Statistical analysis

χ2 tests were employed to assess unadjusted associations of sociodemographic variables, H. pylori serostatus, obesity, physical activity and smoking with atrophic gastritis (PGI <30 µg/L or a PGI:PGII ratio <3.0). Bivariate and multivariable logistic regression models were fitted. Unadjusted and adjusted ORs (aORs) and 95% CIs were obtained from logistic regression models. Pooled and stratified analyses by population group were conducted. Interactions between population groups and other independent variables were assessed. We assessed differences in the mean PGI:PGII ratio according to H. pylori serostatus, using age-adjusted and sex-adjusted mixed linear models. Overall, missing information was very low (up to 0.6% for smoking); therefore, the imputation of data was not performed. Sensitivity analysis was performed using the following definitions: (1) PGI <40 µg/L or PGI:PGII <3; (2) PGI <50 µg/L or PGI: PGII <3. These cut-off values were selected based on a systematic review that assessed the validity of the Biohit ELISA12; most studies were shown to use a PGI:PGII ratio <3; and in some, this was in combination with PGI levels that were mostly in the range of 25–50 µg/L. Data were analysed using SPSS V.24.

Results

The mean ages of the Jewish and Arab participants were 52.5 years (SD 13.5) and 52.0 years (SD 13.8), respectively (p=0.4). Men comprised 52.7% and 53.0% of the Jewish and Arab participants, respectively (p=0.9). The prevalence of atrophic gastritis was 7.6% (95% CI 6.4% to 9.0%) and was more common among Arab participants: 8.8% (95% CI 7.2% to 10.8%) than among Jewish participants: 5.9% (95% CI 4.4% to 7.9%), p=0.029.

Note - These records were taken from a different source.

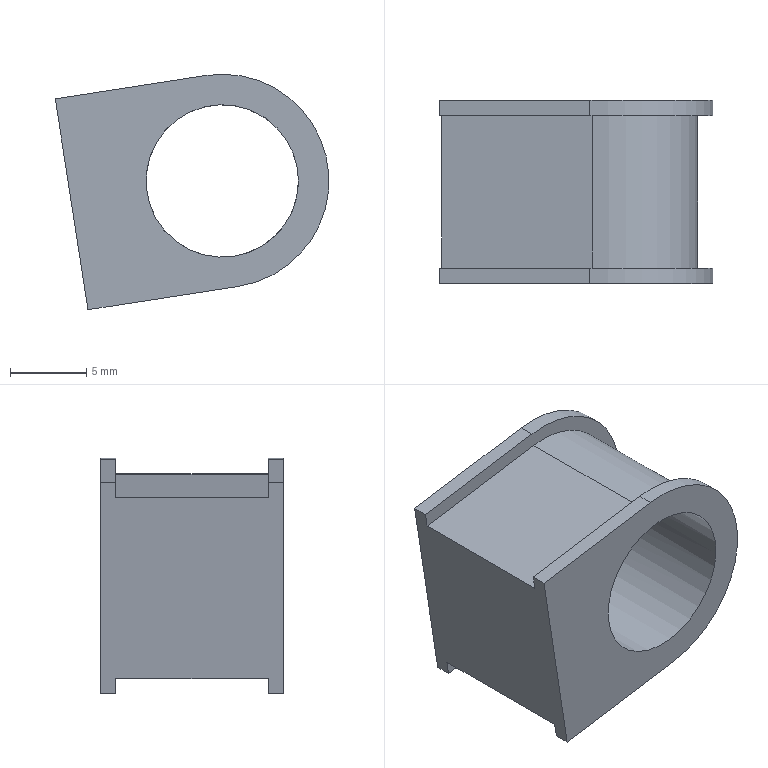Component | NX | BIG_CONN_BLOCK | 1 solid | 15 faces | volume 1257 mm3 | plane 11 | cylinder 4 | commonest cylinder face diameters 14 x2 12 x1 10 x1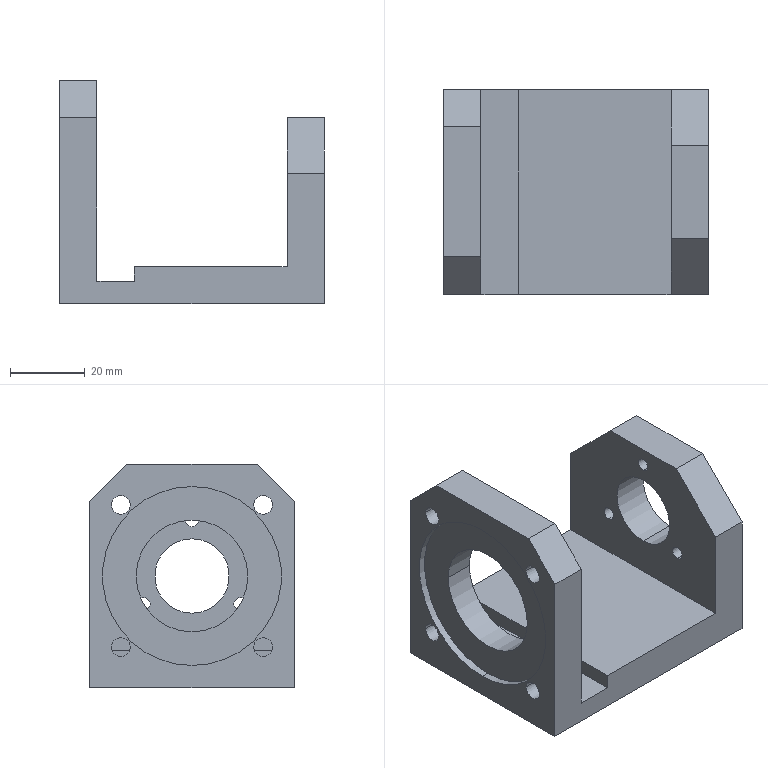Component | SolidWorks | LowerSideBeltXG-XG1-1_EncoderMount-1 | 1 solid | 37 faces | box 71 x 55 x 60 mm | volume 69610 mm3 | cylinder 20 | plane 17 | commonest cylinder face diameters 5 x8 3.5 x6 20 x2 48 x2 30 x2
build123d program:
from build123d import *

# Parameters (mm, degrees)
BOSS_EXTRUDE1_DEPTH = 27.5
SKETCH2_R           = 15
CUT_EXTRUDE1_DEPTH  = 84.53
SKETCH3_R           = 24
CUT_EXTRUDE2_DEPTH  = 2
CHAMFER1_SIZE       = 15
CHAMFER2_SIZE       = 10
SKETCH4_R           = 2.5
CUT_EXTRUDE3_DEPTH  = 84.53
SKETCH5_W           = 10
SKETCH5_H           = 55
CUT_EXTRUDE4_DEPTH  = 4
SKETCH7_R           = 10
CUT_EXTRUDE6_DEPTH  = 84.53
SKETCH8_R           = 1.75
CUT_EXTRUDE7_DEPTH  = 10


with BuildPart() as part:
    # Sketch1 → Boss-Extrude1 (new, symmetric)
    with BuildSketch(Plane.XY):
        Polygon((0, 0), (51, 0), (51, 50), (61, 50), (61, -10), (-10, -10), (-10, 40), (0, 40), align=None)
    extrude(amount=BOSS_EXTRUDE1_DEPTH, both=True)

    # Sketch2 → Cut-Extrude1 (cut, through all)
    with BuildSketch(Plane.ZY.offset(-51)):
        with Locations((0, 20)):
            Circle(SKETCH2_R)
    extrude(amount=-CUT_EXTRUDE1_DEPTH, mode=Mode.SUBTRACT)

    # Sketch3 → Cut-Extrude2 (cut)
    with BuildSketch(Plane(origin=(61, 0, 0), x_dir=(0, 0, -1), z_dir=(1, 0, 0))):
        with Locations(Location((0, 20, 0), (0, 0, 90))):
            Circle(SKETCH3_R)
    extrude(amount=-CUT_EXTRUDE2_DEPTH, mode=Mode.SUBTRACT)

    # Chamfer1
    chamfer1_edges = [part.edges().sort_by_distance(p)[0] for p in [
        (-5, 40, -27.5),
        (-5, 40, 27.5),
    ]]
    chamfer(chamfer1_edges, length=CHAMFER1_SIZE)

    # Chamfer2
    chamfer2_edges = [part.edges().sort_by_distance(p)[0] for p in [
        (56, 50, 27.5),
        (56, 50, -27.5),
    ]]
    chamfer(chamfer2_edges, length=CHAMFER2_SIZE)

    # Sketch4 → Cut-Extrude3 (cut, through all)
    with BuildSketch(Plane.ZY.offset(-51)):
        with Locations((-19.092, 39.092)):
            Circle(SKETCH4_R)
        with Locations(Location((19.092, 39.092, 0), (0, 0, 180))):
            Circle(SKETCH4_R)
        with Locations((-19.092, 0.9081)):
            Circle(SKETCH4_R)
        with Locations((19.092, 0.9081)):
            Circle(SKETCH4_R)
    extrude(amount=-CUT_EXTRUDE3_DEPTH, mode=Mode.SUBTRACT)

    # Sketch5 → Cut-Extrude4 (cut)
    with BuildSketch(Plane(origin=(0, 0, 0), x_dir=(1, 0, 0), z_dir=(0, 1, 0))):
        with Locations((46, 0)):
            Rectangle(SKETCH5_W, SKETCH5_H)
    extrude(amount=-CUT_EXTRUDE4_DEPTH, mode=Mode.SUBTRACT)

    # Sketch7 → Cut-Extrude6 (cut, through all)
    with BuildSketch(Plane(origin=(0, 0, 0), x_dir=(0, 0, -1), z_dir=(1, 0, 0))):
        with Locations(Location((0, 20, 0), (0, 0, 90))):
            Circle(SKETCH7_R)
    extrude(amount=-CUT_EXTRUDE6_DEPTH, mode=Mode.SUBTRACT)

    # Sketch8 → Cut-Extrude7 (cut)
    with BuildSketch(Plane.ZY.offset(10)):
        with Locations(Location((0, 35, 0), (0, 0, 270))):
            Circle(SKETCH8_R)
        with Locations(Location((-12.99, 12.5, 0), (0, 0, 270))):
            Circle(SKETCH8_R)
        with Locations(Location((12.99, 12.5, 0), (0, 0, 270))):
            Circle(SKETCH8_R)
    extrude(amount=-CUT_EXTRUDE7_DEPTH, mode=Mode.SUBTRACT)


solid = part.part

# Placed as in the assembly
solid = solid.moved(Location((-123.22, 625, 94), (-90, 0, 180)))

Risk factors for atrophic gastritis

The prevalence of atrophic gastritis was higher in women than in men (9.3% and 6.1%, respectively, p=0.014) and increased strongly with age, from 2.6% in those aged 25–44 years to 11.5% in those aged 65–78 years (p for trend <0.001). Unexpectedly, participants who were seronegative for H. pylori IgG antibody had a higher prevalence of atrophic gastritis (11.8%) compared with those who were H. pylori seropositive, both among those who were negative and positive for CagA IgG serum antibody (5.6% and 7.0%, respectively) (p=0.001). Physically active persons had a lower prevalence of atrophic gastritis than non-active participants (7.0% vs 11.3%, p=0.017). Smokers displayed a borderline significant lower prevalence of atrophy than non-smokers (5.6% vs 8.3%, p=0.086). No significant differences in atrophic gastritis prevalence were found according to education and obesity (table 1).

Table 1

Prevalence of atrophic gastritis according to sociodemographic factors and health behaviours

	Overall	P value*	Jewish participants	P value*	Arab participants	P value*	P for interaction†
	n/total (%)		n/total (%)		n/total (%)
Overall	125/1644 (7.6)	–					–
Population group
Jews	41/692 (5.9)	0.029	–	–	–	–	–
Arabs	84/952 (8.8)		–	–	–	–
Sex		0.014		0.13		0.05	0.9
Males	53/870 (6.1)		17/365 (4.7)		36/505 (7.1)
Females	72/774 (9.3)		24/327 (7.3)		48/447 (10.7)
Age, years‡	df=2	<0.001	df=2	0.005	df=2	<0.001	0.7
25–44	14/541 (2.6)		3/217 (1.4)		11/324 (3.4)
45–64	68/729 (9.3)		23/320 (7.2)		45/409 (11.0)
65–78	43/374 (11.5)		15/155 (9.7)		28/219 (12.8)
Education§¶	df=2	0.19	df=2	0.5	df=2	0.7	0.9
Some high school or less	72/875 (8.2)		17/264 (6.4)		55/611 (9.0)
High school certificate/some college	32/379 (8.4)		12/168 (7.1)		20/211 (9.5)
Academic education	21/383 (5.5)		12/256 (4.7)		9/127 (7.1)
Helicobacter pylori IgG seropositivity	df=2	0.001	df=2	0.13†	df=2	<0.001	<0.001
H. pylori negative	50/425 (11.8)		12/267 (4.5)		38/158 (24.1)
H. pylori positive CagA negative	42/747 (5.6)		16/287 (5.6)		26/460 (5.7)
H. pylori positive CagA positive	33/472 (7.0)		13/138 (9.4)		20/334 (6.0)
Smoking¶		0.086		0.15		0.2	0.4
≥1 cigarettes/day	21/375 (5.6)		4/130 (3.1)		17/245 (6.9)
No smoking/other	104/1255 (8.3)		37/555 (6.7)		67/700 (9.6)
Obesity¶		0.14		0.7		0.2	0.7
BMI <30 kg/m2	73/1056 (6.9)		30/517 (5.8)		43/539 (8.0)
BMI ≥30 kg/m2	52/585 (8.9)		11/172 (6.4)		41/413 (9.9)
Physical activity		0.017		0.16		0.002	0.034
No	28/247 (11.3)		1/64 (1.6)		27/183 (14.8)
Yes	97/1394 (7.0)		40/625 (6.4)		57/769 (7.4)
Country of birth			df=4	0.058
America	–	–	2/44 (4.5)		–	–
Europe	–	–	11/157 (7.0)		–	–
Asia	–	–	6/63 (9.5)		–	–
North Africa	–	–	8/66 (12.1)		–	–
Israel	–	–	14/360 (3.9)		–	–

*P values by χ2 test or Fisher exact test where appropriate.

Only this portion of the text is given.